A Transcriptomic Signature for Risk-Stratification and Recurrence Prediction in Intrahepatic Cholangiocarcinoma

Abstract

Background and aims: Tumor recurrence is frequent even in intrahepatic cholangiocarcinoma (ICC), and improved strategies are needed to identify patients at highest risk for such recurrence. We performed genome-wide expression profile analyses to discover and validate a gene signature associated with recurrence in patients with ICC.

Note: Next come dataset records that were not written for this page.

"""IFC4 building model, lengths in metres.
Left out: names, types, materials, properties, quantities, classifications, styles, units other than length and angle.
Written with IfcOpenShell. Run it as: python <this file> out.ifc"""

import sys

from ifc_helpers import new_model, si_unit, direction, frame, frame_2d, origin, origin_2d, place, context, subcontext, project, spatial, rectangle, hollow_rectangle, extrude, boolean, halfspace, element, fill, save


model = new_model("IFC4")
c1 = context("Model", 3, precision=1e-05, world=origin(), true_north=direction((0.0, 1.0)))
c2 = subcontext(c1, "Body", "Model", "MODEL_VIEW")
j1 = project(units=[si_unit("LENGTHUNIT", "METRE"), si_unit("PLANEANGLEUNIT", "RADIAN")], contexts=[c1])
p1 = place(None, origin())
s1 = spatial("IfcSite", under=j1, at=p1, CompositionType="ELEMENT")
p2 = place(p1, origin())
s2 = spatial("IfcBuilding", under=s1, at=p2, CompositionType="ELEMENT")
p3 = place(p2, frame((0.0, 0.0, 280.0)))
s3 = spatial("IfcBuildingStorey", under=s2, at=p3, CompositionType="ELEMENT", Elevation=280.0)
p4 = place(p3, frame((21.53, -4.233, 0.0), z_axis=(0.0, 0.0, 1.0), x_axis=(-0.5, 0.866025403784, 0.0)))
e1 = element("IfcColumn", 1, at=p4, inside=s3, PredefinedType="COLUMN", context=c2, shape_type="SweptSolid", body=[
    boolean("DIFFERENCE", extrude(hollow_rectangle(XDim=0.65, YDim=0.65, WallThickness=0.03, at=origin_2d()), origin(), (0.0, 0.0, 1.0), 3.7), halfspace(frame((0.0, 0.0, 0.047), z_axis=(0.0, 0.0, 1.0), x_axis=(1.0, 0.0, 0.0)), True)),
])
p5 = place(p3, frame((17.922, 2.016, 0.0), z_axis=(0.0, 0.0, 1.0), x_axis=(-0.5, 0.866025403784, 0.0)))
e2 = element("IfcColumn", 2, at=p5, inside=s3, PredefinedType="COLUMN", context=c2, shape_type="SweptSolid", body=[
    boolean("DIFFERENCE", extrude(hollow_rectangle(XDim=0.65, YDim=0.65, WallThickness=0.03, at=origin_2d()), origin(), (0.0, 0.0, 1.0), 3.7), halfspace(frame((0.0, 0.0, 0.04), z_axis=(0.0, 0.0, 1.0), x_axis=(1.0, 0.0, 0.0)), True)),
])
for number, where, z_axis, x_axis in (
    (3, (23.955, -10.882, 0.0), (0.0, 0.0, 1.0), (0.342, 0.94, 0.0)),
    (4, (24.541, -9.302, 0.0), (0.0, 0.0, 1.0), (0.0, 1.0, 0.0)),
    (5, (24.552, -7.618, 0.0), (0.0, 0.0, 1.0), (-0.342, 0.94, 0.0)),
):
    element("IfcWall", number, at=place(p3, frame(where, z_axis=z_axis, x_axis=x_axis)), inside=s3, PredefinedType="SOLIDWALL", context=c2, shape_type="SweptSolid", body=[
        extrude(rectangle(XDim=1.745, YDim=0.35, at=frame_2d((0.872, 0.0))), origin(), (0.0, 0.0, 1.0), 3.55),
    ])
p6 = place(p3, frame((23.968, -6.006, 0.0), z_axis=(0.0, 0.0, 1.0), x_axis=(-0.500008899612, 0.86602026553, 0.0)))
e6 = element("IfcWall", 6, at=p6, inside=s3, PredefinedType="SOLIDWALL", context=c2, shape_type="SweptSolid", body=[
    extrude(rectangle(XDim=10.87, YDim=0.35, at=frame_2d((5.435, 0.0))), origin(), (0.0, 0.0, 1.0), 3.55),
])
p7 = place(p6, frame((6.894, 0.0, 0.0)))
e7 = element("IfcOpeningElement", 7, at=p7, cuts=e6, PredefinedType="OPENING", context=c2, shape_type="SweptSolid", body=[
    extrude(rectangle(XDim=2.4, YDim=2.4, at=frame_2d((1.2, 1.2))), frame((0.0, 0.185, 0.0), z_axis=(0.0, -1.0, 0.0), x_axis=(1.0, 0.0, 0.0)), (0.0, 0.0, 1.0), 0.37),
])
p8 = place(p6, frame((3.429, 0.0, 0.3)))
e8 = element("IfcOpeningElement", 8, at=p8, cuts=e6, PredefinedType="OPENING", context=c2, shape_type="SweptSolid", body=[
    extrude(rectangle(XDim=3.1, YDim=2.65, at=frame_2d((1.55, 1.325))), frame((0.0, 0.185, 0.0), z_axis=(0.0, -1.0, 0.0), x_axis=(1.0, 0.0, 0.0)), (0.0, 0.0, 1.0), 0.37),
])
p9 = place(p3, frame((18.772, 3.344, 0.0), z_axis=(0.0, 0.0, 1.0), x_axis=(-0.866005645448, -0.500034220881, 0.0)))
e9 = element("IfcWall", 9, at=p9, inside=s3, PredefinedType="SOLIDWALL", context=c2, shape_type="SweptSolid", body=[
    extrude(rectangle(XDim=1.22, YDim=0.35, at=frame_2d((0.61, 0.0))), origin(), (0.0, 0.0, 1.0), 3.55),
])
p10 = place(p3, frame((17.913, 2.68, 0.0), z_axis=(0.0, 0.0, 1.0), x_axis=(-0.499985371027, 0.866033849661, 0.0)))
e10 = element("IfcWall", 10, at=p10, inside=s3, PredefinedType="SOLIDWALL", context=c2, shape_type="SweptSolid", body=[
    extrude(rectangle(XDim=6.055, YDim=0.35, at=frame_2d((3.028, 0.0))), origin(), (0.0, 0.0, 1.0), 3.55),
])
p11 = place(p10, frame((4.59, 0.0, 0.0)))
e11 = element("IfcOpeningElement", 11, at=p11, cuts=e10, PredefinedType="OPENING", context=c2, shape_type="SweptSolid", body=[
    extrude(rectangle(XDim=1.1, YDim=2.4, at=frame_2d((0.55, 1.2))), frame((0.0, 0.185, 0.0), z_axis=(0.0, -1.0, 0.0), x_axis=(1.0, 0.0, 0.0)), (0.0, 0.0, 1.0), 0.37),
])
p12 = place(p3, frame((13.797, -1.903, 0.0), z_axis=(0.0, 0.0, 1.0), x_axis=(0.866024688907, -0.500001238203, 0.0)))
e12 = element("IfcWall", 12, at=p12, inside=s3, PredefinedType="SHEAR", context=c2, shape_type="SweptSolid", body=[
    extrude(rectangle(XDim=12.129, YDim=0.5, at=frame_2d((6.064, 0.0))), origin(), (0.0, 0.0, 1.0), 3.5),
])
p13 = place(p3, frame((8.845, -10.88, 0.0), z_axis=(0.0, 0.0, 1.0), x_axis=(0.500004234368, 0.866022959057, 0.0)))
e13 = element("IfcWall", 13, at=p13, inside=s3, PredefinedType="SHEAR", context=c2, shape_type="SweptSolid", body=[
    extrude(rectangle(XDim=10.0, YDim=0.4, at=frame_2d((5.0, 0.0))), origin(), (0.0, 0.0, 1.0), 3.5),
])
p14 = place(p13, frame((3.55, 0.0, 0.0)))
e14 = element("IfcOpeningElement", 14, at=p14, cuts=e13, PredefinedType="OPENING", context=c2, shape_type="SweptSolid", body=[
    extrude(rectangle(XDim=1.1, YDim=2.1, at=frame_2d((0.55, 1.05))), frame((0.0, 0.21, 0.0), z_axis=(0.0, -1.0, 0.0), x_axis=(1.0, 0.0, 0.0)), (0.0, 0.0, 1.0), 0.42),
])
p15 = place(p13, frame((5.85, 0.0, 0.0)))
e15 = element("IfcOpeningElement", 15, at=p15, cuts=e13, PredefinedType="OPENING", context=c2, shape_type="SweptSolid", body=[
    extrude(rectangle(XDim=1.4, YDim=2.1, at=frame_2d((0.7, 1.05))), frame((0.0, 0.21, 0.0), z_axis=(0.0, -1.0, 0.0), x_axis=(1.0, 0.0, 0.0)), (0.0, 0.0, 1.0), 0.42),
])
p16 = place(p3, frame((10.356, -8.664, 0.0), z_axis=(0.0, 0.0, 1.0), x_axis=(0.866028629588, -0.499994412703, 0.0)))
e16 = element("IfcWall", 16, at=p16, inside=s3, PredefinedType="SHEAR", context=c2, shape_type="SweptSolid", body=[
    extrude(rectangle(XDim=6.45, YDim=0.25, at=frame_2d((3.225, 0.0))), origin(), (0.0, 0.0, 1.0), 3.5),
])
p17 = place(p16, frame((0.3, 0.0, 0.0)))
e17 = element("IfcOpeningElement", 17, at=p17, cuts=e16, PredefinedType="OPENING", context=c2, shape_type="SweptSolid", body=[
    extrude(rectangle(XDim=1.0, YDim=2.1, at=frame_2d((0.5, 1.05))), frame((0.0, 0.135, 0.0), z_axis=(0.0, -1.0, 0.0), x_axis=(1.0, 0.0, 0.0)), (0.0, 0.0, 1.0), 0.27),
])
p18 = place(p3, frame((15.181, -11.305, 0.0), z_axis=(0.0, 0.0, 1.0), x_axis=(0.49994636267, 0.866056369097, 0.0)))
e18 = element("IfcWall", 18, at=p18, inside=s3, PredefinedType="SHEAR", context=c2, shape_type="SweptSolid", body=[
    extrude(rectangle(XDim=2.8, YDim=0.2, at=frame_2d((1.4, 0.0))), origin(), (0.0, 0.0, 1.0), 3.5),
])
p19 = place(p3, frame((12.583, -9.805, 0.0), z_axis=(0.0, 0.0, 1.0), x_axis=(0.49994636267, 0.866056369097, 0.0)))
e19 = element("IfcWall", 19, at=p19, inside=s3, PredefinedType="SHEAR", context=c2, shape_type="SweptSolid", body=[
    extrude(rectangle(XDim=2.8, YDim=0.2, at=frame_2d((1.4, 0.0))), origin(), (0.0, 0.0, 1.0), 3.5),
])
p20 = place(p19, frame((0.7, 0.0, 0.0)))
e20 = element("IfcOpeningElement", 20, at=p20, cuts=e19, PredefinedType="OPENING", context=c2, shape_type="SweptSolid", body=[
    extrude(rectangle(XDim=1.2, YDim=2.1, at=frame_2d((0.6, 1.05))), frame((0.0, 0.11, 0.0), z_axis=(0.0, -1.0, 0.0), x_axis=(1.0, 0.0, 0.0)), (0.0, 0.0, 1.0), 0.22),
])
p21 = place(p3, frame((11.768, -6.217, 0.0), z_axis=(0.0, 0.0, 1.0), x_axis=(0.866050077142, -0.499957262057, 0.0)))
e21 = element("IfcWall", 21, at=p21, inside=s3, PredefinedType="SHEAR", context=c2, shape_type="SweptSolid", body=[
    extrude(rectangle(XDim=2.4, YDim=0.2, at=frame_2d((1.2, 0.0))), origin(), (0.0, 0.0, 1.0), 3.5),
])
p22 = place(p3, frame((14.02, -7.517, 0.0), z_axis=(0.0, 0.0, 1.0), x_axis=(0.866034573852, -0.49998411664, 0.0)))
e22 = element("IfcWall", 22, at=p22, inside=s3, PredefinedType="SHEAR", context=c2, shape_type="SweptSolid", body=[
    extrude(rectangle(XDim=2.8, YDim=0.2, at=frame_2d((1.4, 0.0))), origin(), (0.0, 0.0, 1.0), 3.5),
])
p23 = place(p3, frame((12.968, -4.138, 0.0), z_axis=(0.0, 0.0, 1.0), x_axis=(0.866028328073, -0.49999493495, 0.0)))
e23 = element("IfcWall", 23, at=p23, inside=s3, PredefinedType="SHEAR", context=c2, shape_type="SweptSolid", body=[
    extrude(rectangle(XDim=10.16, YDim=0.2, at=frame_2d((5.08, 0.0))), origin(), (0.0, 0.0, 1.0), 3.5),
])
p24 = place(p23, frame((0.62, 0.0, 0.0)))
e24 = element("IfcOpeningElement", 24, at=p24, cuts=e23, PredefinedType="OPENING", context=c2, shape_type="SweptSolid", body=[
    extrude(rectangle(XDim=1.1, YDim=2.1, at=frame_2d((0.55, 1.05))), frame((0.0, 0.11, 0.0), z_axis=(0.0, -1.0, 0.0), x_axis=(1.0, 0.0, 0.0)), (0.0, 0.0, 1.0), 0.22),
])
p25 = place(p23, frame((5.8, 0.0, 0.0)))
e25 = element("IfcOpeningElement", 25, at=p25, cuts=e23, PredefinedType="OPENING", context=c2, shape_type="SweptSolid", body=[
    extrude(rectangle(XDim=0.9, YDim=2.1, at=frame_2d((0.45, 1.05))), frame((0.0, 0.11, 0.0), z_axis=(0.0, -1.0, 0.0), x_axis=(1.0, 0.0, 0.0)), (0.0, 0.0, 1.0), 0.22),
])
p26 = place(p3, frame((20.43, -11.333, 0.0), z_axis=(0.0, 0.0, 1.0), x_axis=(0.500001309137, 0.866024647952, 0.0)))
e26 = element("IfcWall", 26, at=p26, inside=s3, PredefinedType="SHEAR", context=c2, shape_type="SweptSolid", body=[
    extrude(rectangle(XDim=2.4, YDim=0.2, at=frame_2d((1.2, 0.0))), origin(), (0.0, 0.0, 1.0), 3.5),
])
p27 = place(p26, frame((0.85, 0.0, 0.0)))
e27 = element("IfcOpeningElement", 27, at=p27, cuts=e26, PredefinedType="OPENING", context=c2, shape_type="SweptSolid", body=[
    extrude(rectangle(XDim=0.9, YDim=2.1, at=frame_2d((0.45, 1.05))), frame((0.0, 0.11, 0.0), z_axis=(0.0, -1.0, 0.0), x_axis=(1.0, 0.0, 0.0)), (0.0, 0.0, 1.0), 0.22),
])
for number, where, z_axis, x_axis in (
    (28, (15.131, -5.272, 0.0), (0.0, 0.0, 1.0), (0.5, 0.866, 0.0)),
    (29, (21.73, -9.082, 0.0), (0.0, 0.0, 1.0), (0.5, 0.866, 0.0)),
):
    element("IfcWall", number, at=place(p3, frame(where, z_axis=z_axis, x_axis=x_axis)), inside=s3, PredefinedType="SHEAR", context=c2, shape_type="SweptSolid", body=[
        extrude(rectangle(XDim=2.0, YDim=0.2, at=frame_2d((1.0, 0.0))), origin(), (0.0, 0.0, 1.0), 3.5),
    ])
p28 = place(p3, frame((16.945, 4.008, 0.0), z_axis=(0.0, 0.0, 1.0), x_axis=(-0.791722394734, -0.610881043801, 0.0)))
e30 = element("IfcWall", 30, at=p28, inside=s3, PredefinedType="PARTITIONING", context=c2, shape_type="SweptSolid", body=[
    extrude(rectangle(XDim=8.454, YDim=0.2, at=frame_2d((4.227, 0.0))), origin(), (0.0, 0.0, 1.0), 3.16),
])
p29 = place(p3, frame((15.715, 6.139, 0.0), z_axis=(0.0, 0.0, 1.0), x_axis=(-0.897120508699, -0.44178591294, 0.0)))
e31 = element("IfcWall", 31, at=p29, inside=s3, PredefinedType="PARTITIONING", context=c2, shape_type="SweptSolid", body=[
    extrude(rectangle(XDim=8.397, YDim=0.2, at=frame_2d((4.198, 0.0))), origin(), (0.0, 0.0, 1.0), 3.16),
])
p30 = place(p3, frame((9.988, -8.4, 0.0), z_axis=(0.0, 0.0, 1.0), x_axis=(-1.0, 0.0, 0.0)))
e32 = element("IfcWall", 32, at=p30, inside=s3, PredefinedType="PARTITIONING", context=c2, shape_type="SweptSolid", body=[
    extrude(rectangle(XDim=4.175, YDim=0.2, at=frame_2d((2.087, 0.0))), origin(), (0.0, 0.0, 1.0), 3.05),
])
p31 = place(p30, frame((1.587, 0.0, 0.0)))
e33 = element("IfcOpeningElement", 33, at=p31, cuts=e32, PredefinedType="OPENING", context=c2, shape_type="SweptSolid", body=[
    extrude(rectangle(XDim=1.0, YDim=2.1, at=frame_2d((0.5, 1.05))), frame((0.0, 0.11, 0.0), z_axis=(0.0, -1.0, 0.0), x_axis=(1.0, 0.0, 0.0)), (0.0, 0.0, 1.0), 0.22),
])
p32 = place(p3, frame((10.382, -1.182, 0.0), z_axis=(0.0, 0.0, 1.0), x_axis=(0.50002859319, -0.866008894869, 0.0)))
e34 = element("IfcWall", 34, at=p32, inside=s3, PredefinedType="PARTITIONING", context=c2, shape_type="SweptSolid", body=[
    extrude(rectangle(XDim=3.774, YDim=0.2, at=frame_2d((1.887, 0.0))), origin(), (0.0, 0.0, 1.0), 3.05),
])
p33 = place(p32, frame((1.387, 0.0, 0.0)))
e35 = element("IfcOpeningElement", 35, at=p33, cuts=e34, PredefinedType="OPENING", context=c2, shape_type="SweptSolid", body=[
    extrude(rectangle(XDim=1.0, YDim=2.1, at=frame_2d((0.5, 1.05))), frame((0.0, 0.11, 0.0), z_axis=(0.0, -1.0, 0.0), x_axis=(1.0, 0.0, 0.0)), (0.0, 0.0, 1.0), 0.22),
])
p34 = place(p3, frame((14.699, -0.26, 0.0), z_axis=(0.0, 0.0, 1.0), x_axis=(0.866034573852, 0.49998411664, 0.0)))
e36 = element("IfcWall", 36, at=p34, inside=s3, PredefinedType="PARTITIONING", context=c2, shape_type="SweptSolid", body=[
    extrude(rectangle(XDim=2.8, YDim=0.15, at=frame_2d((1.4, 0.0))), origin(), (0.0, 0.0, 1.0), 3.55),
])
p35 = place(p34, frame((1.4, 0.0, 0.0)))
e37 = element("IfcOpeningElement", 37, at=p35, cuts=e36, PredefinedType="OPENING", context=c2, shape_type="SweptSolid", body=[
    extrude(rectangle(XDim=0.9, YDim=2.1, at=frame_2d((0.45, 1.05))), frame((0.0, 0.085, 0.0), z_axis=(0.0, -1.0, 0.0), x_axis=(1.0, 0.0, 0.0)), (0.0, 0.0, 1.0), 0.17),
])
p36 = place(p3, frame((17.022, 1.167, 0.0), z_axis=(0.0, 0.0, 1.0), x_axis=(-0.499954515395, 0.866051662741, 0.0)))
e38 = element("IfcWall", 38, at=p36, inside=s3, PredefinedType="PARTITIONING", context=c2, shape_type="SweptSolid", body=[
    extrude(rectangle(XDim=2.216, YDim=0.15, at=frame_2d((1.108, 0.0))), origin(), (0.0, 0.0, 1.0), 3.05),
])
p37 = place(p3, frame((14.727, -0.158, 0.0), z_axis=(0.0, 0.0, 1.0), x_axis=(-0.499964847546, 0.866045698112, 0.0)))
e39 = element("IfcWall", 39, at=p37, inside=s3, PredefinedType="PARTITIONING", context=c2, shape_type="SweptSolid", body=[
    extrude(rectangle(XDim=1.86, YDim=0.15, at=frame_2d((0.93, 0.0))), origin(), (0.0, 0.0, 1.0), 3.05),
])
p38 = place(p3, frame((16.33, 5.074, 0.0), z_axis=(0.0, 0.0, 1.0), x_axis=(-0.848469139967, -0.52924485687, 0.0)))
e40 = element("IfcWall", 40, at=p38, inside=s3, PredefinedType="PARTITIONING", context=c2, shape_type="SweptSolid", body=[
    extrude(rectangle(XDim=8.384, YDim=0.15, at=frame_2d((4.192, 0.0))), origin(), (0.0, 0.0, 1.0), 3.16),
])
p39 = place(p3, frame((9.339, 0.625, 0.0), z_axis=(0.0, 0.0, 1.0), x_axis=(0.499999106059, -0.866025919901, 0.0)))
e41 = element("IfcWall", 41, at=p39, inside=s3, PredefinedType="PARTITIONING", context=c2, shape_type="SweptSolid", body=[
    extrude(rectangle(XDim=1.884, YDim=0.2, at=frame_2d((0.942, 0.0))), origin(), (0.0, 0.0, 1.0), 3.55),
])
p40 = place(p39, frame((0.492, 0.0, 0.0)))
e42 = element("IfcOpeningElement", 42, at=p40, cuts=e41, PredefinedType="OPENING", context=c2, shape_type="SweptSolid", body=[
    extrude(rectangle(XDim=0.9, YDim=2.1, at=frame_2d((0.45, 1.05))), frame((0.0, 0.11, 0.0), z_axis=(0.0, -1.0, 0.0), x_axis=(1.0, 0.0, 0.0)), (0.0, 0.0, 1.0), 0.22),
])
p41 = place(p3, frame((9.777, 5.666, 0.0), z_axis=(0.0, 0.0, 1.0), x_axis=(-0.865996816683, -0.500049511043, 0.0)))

Approach and results: For biomarker discovery, we analyzed genome-wide transcriptomic profiling in ICC tumors from two public data sets: The Cancer Genome Atlas (n = 27) and GSE107943 (n = 28). We identified an eight-gene panel (BIRC5 [baculoviral IAP repeat containing 5], CDC20 [cell division cycle 20], CDH2 [cadherin 2], CENPW [centromere protein W], JPH1 [junctophilin 1], MAD2L1 [mitotic arrest deficient 2 like 1], NEIL3 [Nei like DNA glycosylase 3], and POC1A [POC1 centriolar protein A]) that robustly identified patients with recurrence in the discovery (AUC = 0.92) and in silico validation cohorts (AUC = 0.91). We next analyzed 241 specimens from patients with ICC (training cohort, n = 64; validation cohort, n = 177), followed by Cox proportional hazard regression analysis, to develop an integrated transcriptomic panel and establish a risk-stratification model for recurrence in ICC. We subsequently trained this transcriptomic panel in a clinical cohort (AUC = 0.89; 95% confidence interval [CI] = 0.79-0.95), followed by evaluating its performance in an independent validation cohort (AUC = 0.86; 95% CI = 0.80-0.90). By combining our transcriptomic panel with various clinicopathologic features, we established a risk-stratification model that was significantly superior for the identification of recurrence (AUC = 0.89; univariate HR = 6.08, 95% CI = 3.55-10.41, P < 0.01; and multivariate HR = 3.49, 95% CI = 1.81-6.71, P < 0.01). The risk-stratification model identified potential recurrence in 85% of high-risk patients and nonrecurrence in 76% of low-risk patients, which is dramatically superior to currently used pathological features.

Conclusions: We report a transcriptomic signature for risk-stratification and recurrence prediction that is superior to currently used clinicopathological features in patients with ICC.

Figure 1.. Training and validation phase of a transcriptomic panel for the identification of recurrence in patients with ICC.

A) A ROC curve for a transcriptomic panel in tissue specimens from training cohort patients (with recurrence = 37, non-recurrence = 27, AUC = 0.89). B) Risk score distribution plot in training cohort patients. Modified risk scores were obtained from individual risk scores by using Youden’s index values from the risk model. C) A ROC curve for the transcriptomic panel in tissue specimens from validation cohort patients (with recurrence = 109, non-recurrence = 68, AUC = 0.86). D) Risk score distribution plot in validation cohort patients.

Figure 2.. Prognostic potential of the transcriptomic panel in patients with ICC.

A–B) A comparison of (A) RFS and (B) OS between high and low-risk group estimated by the panel in the training cohort. C–D) A comparison of (C) RFS and (D) OS between high and low-risk group estimated by the panel in the validation cohort. E) A nomogram illustrating the probability of RFS. For clinical purposes, the scores of each covariate are added, and the total score is depicted on the total score point axis.

Figure 3.. Clinical validation of the risk-stratification model in patients with ICC.

A) The risk-stratification model, which combines the transcriptomic panel and clinical risk factors, outperformed detection accuracy of the transcriptomic panel or risk factors alone in tissue specimens from validation cohort patients (AUC = 0.89). B–C) Forest plot with HRs of clinicopathological variables, transcriptomic panel, and risk-stratification model in univariate (B) and multivariate (C) Cox proportional hazard regression analysis in validation cohort patients. D) A comparison of RFS between high and low-risk group estimated by the risk-stratification model in the validation cohort (left panel). The risk-stratification model would have led to the 5-year recurrence rate of 24% patients with low-risk and 85% patients with high-risk ICC (right panel).